Nothing says the holidays like spending time with friends and family. To celebrate this special time of year, many of us purchase gifts for our loved ones. Doing so can become quite expensive, especially if we have large social circles. For that reason, we go through the holidays looking for sales on items we think our dear ones will love.
But don’t be fooled. Not every offer is legitimate. While we scour the web for deals, bad actors try to obtain our login credentials and personal information, so that they can steal our identities and commit identity fraud. That’s why they bombard us with spam, phishing scams and other attack campaigns beginning around Black Friday and lasting through the New Year.

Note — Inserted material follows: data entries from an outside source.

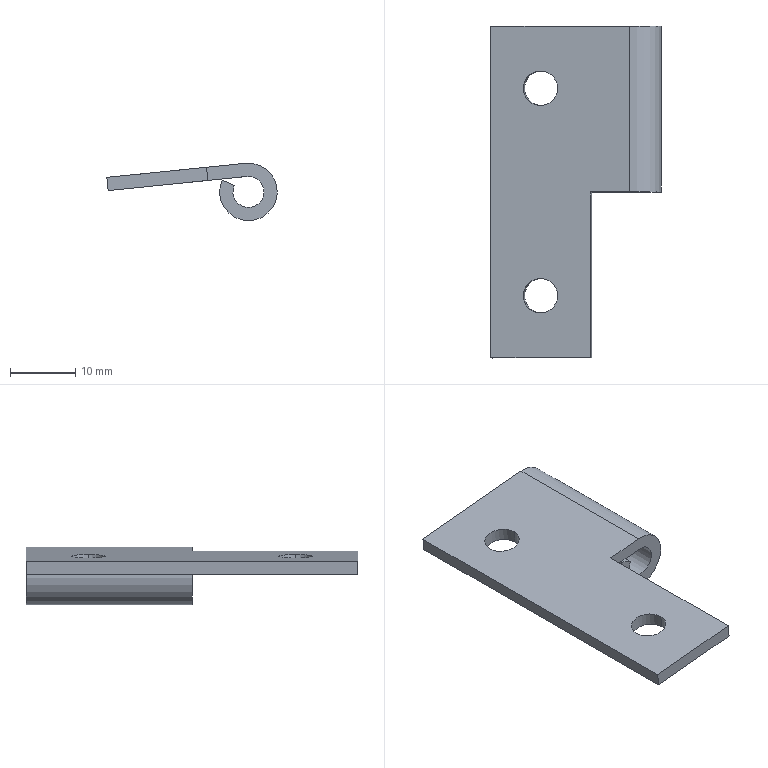Component | SolidWorks | Imported3-1 | 1 solid | 15 faces | box 26.08 x 50.8 x 8.81 mm | volume 2720 mm3 | plane 9 | cylinder 6 | commonest cylinder face diameters 5.283 x4 8.814 x1 4.75 x1
STEP:
#1=COLOUR_RGB('',0.7922,0.8196,0.9333);
#2=FILL_AREA_STYLE_COLOUR('',#1);
#3=FILL_AREA_STYLE('',(#2));
#4=SURFACE_STYLE_FILL_AREA(#3);
#5=SURFACE_SIDE_STYLE('',(#4));
#6=SURFACE_STYLE_USAGE(.BOTH.,#5);
#7=PRESENTATION_STYLE_ASSIGNMENT((#6));
#8=CARTESIAN_POINT('',(-8.855,6.998,9.99));
#9=VERTEX_POINT('',#8);
#10=CARTESIAN_POINT('',(-8.648,6.998,10.011));
#11=VERTEX_POINT('',#10);
#12=CARTESIAN_POINT('',(-8.751,6.998,10.001));
#13=DIRECTION('',(0.1012,0.,-0.9949));
#14=DIRECTION('',(-0.9949,0.,-0.1012));
#15=AXIS2_PLACEMENT_3D('',#12,#13,#14);
#16=CIRCLE('',#15,0.104);
#17=EDGE_CURVE('',#9,#11,#16,.T.);
#18=ORIENTED_EDGE('',*,*,#17,.F.);
#19=CARTESIAN_POINT('',(-8.847,6.998,9.91));
#20=VERTEX_POINT('',#19);
#21=CARTESIAN_POINT('',(-8.855,6.998,9.99));
#22=DIRECTION('',(0.1012,0.,-0.9949));
#23=VECTOR('',#22,39.37);
#24=LINE('',#21,#23);
#25=EDGE_CURVE('',#9,#20,#24,.T.);
#26=ORIENTED_EDGE('',*,*,#25,.T.);
#27=CARTESIAN_POINT('',(-8.64,6.998,9.931));
#28=VERTEX_POINT('',#27);
#29=CARTESIAN_POINT('',(-8.743,6.998,9.921));
#30=DIRECTION('',(0.1012,0.,-0.9949));
#31=DIRECTION('',(-0.9949,0.,-0.1012));
#32=AXIS2_PLACEMENT_3D('',#29,#30,#31);
#33=CIRCLE('',#32,0.104);
#34=EDGE_CURVE('',#20,#28,#33,.T.);
#35=ORIENTED_EDGE('',*,*,#34,.T.);
#36=CARTESIAN_POINT('',(-8.648,6.998,10.011));
#37=DIRECTION('',(0.1012,0.,-0.9949));
#38=VECTOR('',#37,39.37);
#39=LINE('',#36,#38);
#40=EDGE_CURVE('',#11,#28,#39,.T.);
#41=ORIENTED_EDGE('',*,*,#40,.F.);
#42=EDGE_LOOP('',(#18,#26,#35,#41));
#43=FACE_OUTER_BOUND('',#42,.T.);
#44=CARTESIAN_POINT('',(-8.751,6.998,10.001));
#45=DIRECTION('',(0.1012,0.,-0.9949));
#46=DIRECTION('',(0.9949,0.,0.1012));
#47=AXIS2_PLACEMENT_3D('',#44,#45,#46);
#48=CYLINDRICAL_SURFACE('',#47,0.104);
#49=ADVANCED_FACE('',(#43),#48,.F.);
#50=CARTESIAN_POINT('',(-8.855,5.748,9.99));
#51=VERTEX_POINT('',#50);
#52=CARTESIAN_POINT('',(-8.648,5.748,10.011));
#53=VERTEX_POINT('',#52);
#54=CARTESIAN_POINT('',(-8.751,5.748,10.001));
#55=DIRECTION('',(0.1012,0.,-0.9949));
#56=DIRECTION('',(0.9949,0.,0.1012));
#57=AXIS2_PLACEMENT_3D('',#54,#55,#56);
#58=CIRCLE('',#57,0.104);
#59=EDGE_CURVE('',#51,#53,#58,.T.);
#60=ORIENTED_EDGE('',*,*,#59,.F.);
#61=CARTESIAN_POINT('',(-8.847,5.748,9.91));
#62=VERTEX_POINT('',#61);
#63=CARTESIAN_POINT('',(-8.855,5.748,9.99));
#64=DIRECTION('',(0.1012,0.,-0.9949));
#65=VECTOR('',#64,39.37);
#66=LINE('',#63,#65);
#67=EDGE_CURVE('',#51,#62,#66,.T.);
#68=ORIENTED_EDGE('',*,*,#67,.T.);
#69=CARTESIAN_POINT('',(-8.64,5.748,9.931));
#70=VERTEX_POINT('',#69);
#71=CARTESIAN_POINT('',(-8.743,5.748,9.921));
#72=DIRECTION('',(0.1012,0.,-0.9949));
#73=DIRECTION('',(0.9949,0.,0.1012));
#74=AXIS2_PLACEMENT_3D('',#71,#72,#73);
#75=CIRCLE('',#74,0.104);
#76=EDGE_CURVE('',#62,#70,#75,.T.);
#77=ORIENTED_EDGE('',*,*,#76,.T.);
#78=CARTESIAN_POINT('',(-8.648,5.748,10.011));
#79=DIRECTION('',(0.1012,0.,-0.9949));
#80=VECTOR('',#79,39.37);
#81=LINE('',#78,#80);
#82=EDGE_CURVE('',#53,#70,#81,.T.);
#83=ORIENTED_EDGE('',*,*,#82,.F.);
#84=EDGE_LOOP('',(#60,#68,#77,#83));
#85=FACE_OUTER_BOUND('',#84,.T.);
#86=CARTESIAN_POINT('',(-8.751,5.748,10.001));
#87=DIRECTION('',(0.1012,0.,-0.9949));
#88=DIRECTION('',(0.9949,0.,0.1012));
#89=AXIS2_PLACEMENT_3D('',#86,#87,#88);
#90=CYLINDRICAL_SURFACE('',#89,0.104);
#91=ADVANCED_FACE('',(#85),#90,.F.);
#92=CARTESIAN_POINT('',(-9.05,5.373,9.97));
#93=VERTEX_POINT('',#92);
#94=CARTESIAN_POINT('',(-9.05,7.373,9.97));
#95=VERTEX_POINT('',#94);
#96=CARTESIAN_POINT('',(-9.05,5.373,9.97));
#97=DIRECTION('',(-0.,1.,0.));
#98=VECTOR('',#97,39.37);
#99=LINE('',#96,#98);
#100=EDGE_CURVE('',#93,#95,#99,.T.);
#101=ORIENTED_EDGE('',*,*,#100,.T.);
#102=CARTESIAN_POINT('',(-9.042,7.373,9.891));
#103=VERTEX_POINT('',#102);
#104=CARTESIAN_POINT('',(-9.042,7.373,9.891));
#105=DIRECTION('',(-0.1012,-0.,0.9949));
#106=VECTOR('',#105,39.37);
#107=LINE('',#104,#106);
#108=EDGE_CURVE('',#103,#95,#107,.T.);
#109=ORIENTED_EDGE('',*,*,#108,.F.);
#110=CARTESIAN_POINT('',(-9.042,5.373,9.891));
#111=VERTEX_POINT('',#110);
#112=CARTESIAN_POINT('',(-9.042,5.373,9.891));
#113=DIRECTION('',(-0.,1.,0.));
#114=VECTOR('',#113,39.37);
#115=LINE('',#112,#114);
#116=EDGE_CURVE('',#111,#103,#115,.T.);
#117=ORIENTED_EDGE('',*,*,#116,.F.);
#118=CARTESIAN_POINT('',(-9.042,5.373,9.891));
#119=DIRECTION('',(-0.1012,-0.,0.9949));
#120=VECTOR('',#119,39.37);
#121=LINE('',#118,#120);
#122=EDGE_CURVE('',#111,#93,#121,.T.);
#123=ORIENTED_EDGE('',*,*,#122,.T.);
#124=EDGE_LOOP('',(#101,#109,#117,#123));
#125=FACE_OUTER_BOUND('',#124,.T.);
#126=CARTESIAN_POINT('',(-9.042,5.373,9.891));
#127=DIRECTION('',(0.9949,0.,0.1012));
#128=DIRECTION('',(-0.1012,-0.,0.9949));
#129=AXIS2_PLACEMENT_3D('',#126,#127,#128);
#130=PLANE('',#129);
#131=ADVANCED_FACE('',(#125),#130,.F.);
#132=CARTESIAN_POINT('',(-8.214,7.373,10.055));
#133=VERTEX_POINT('',#132);
#134=CARTESIAN_POINT('',(-9.05,7.373,9.97));
#135=DIRECTION('',(0.9949,0.,0.1012));
#136=VECTOR('',#135,39.37);
#137=LINE('',#134,#136);
#138=EDGE_CURVE('',#95,#133,#137,.T.);
#139=ORIENTED_EDGE('',*,*,#138,.T.);
#140=CARTESIAN_POINT('',(-8.206,7.373,9.976));
#141=VERTEX_POINT('',#140);
#142=CARTESIAN_POINT('',(-8.206,7.373,9.976));
#143=DIRECTION('',(-0.1012,-0.,0.9949));
#144=VECTOR('',#143,39.37);
#145=LINE('',#142,#144);
#146=EDGE_CURVE('',#141,#133,#145,.T.);
#147=ORIENTED_EDGE('',*,*,#146,.F.);
#148=CARTESIAN_POINT('',(-9.042,7.373,9.891));
#149=DIRECTION('',(0.9949,0.,0.1012));
#150=VECTOR('',#149,39.37);
#151=LINE('',#148,#150);
#152=EDGE_CURVE('',#103,#141,#151,.T.);
#153=ORIENTED_EDGE('',*,*,#152,.F.);
#154=ORIENTED_EDGE('',*,*,#108,.T.);
#155=EDGE_LOOP('',(#139,#147,#153,#154));
#156=FACE_OUTER_BOUND('',#155,.T.);
#157=CARTESIAN_POINT('',(-9.042,7.373,9.891));
#158=DIRECTION('',(0.,-1.,-0.));
#159=DIRECTION('',(0.1012,0.,-0.9949));
#160=AXIS2_PLACEMENT_3D('',#157,#158,#159);
#161=PLANE('',#160);
#162=ADVANCED_FACE('',(#156),#161,.F.);
#163=CARTESIAN_POINT('',(-8.441,5.373,9.952));
#164=VERTEX_POINT('',#163);
#165=CARTESIAN_POINT('',(-9.042,5.373,9.891));
#166=DIRECTION('',(-0.9949,-0.,-0.1012));
#167=VECTOR('',#166,39.37);
#168=LINE('',#165,#167);
#169=EDGE_CURVE('',#164,#111,#168,.T.);
#170=ORIENTED_EDGE('',*,*,#169,.F.);
#171=CARTESIAN_POINT('',(-8.449,5.373,10.031));
#172=VERTEX_POINT('',#171);
#173=CARTESIAN_POINT('',(-8.414,5.373,9.686));
#174=DIRECTION('',(-0.1012,-0.,0.9949));
#175=VECTOR('',#174,39.37);
#176=LINE('',#173,#175);
#177=EDGE_CURVE('',#164,#172,#176,.T.);
#178=ORIENTED_EDGE('',*,*,#177,.T.);
#179=CARTESIAN_POINT('',(-9.05,5.373,9.97));
#180=DIRECTION('',(-0.9949,-0.,-0.1012));
#181=VECTOR('',#180,39.37);
#182=LINE('',#179,#181);
#183=EDGE_CURVE('',#172,#93,#182,.T.);
#184=ORIENTED_EDGE('',*,*,#183,.T.);
#185=ORIENTED_EDGE('',*,*,#122,.F.);
#186=EDGE_LOOP('',(#170,#178,#184,#185));
#187=FACE_OUTER_BOUND('',#186,.T.);
#188=CARTESIAN_POINT('',(-9.042,5.373,9.891));
#189=DIRECTION('',(-0.,1.,0.));
#190=DIRECTION('',(-0.1012,-0.,0.9949));
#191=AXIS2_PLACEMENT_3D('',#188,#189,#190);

Identity fraud threatens everyone around the holidays. Fortunately, knowing more about it can help users protect themselves. Let’s, therefore, look at an infographic on identity fraud that summarizes data obtained from a Cifas Fraudscape report, as well as public opinion polls conducted by YouGov on behalf of Equifax.
The Identity Fraud Landscape
Identity theft is when a bad actor deliberately uses a person’s identity to open a bank account, complete a purchase, and/or capitalize on a similar type of advantage. If the attacker tricks a merchant or bank into believing they’re who they falsely claim to be, that organization becomes a victim of identity fraud. Identity theft is the initial crime that oftentimes leads to fraud.
Actors generally follow a three-step process to commit identity theft. First, an actor uses something like a phishing attack to steal an unsuspecting user’s data. Second, the actor sells that data to someone else, usually via a purchase made on the dark web. Finally, the buyer uses that data to make off with cash or other goods by diverting packages to another address, intercepting mail, or transferring money out of the victim’s bank account.
Most cases of identity theft involve bank accounts. Per the Cifas report, UK users reported 64,174 cases of identity fraud related to their bank accounts in 2015. That’s more than those instances of fraud involving both plastic cards (59,423 cases) and loans (13,392 cases).
Regardless of type, identity fraud increased by approximately 50 percent across all age groups in the UK. Users aged 31-40 experienced the greatest jump at 64 percent. Meanwhile, those under 21 saw the smallest increase at 47 percent.
Given these trends, it’s no wonder that in a survey of 2,080 UK citizens, close to half of respondents told Equifax they’re worried about identity theft (40 percent) and identity fraud (42 percent). Those concerns run up against some questionable security practices online.
For instance, Equifax found five percent of people don’t believe sharing information on social media is dangerous and that seven percent of users at one time provided personal details to someone who contacted them over the phone/via email. Additionally, approximately one quarter of respondents (23 percent) revealed they never change their passwords.
A Common-Sense Conclusion
Users can protect themselves against identity theft and identity fraud by following some common-sense recommendations. First, they should check their social media privacy settings and exercise caution around what they share on social networking. Second, they should regularly change their passwords and use a password manager to remember those combinations for them. Third, they should watch out for suspicious links and email attachments, especially around the holiday season.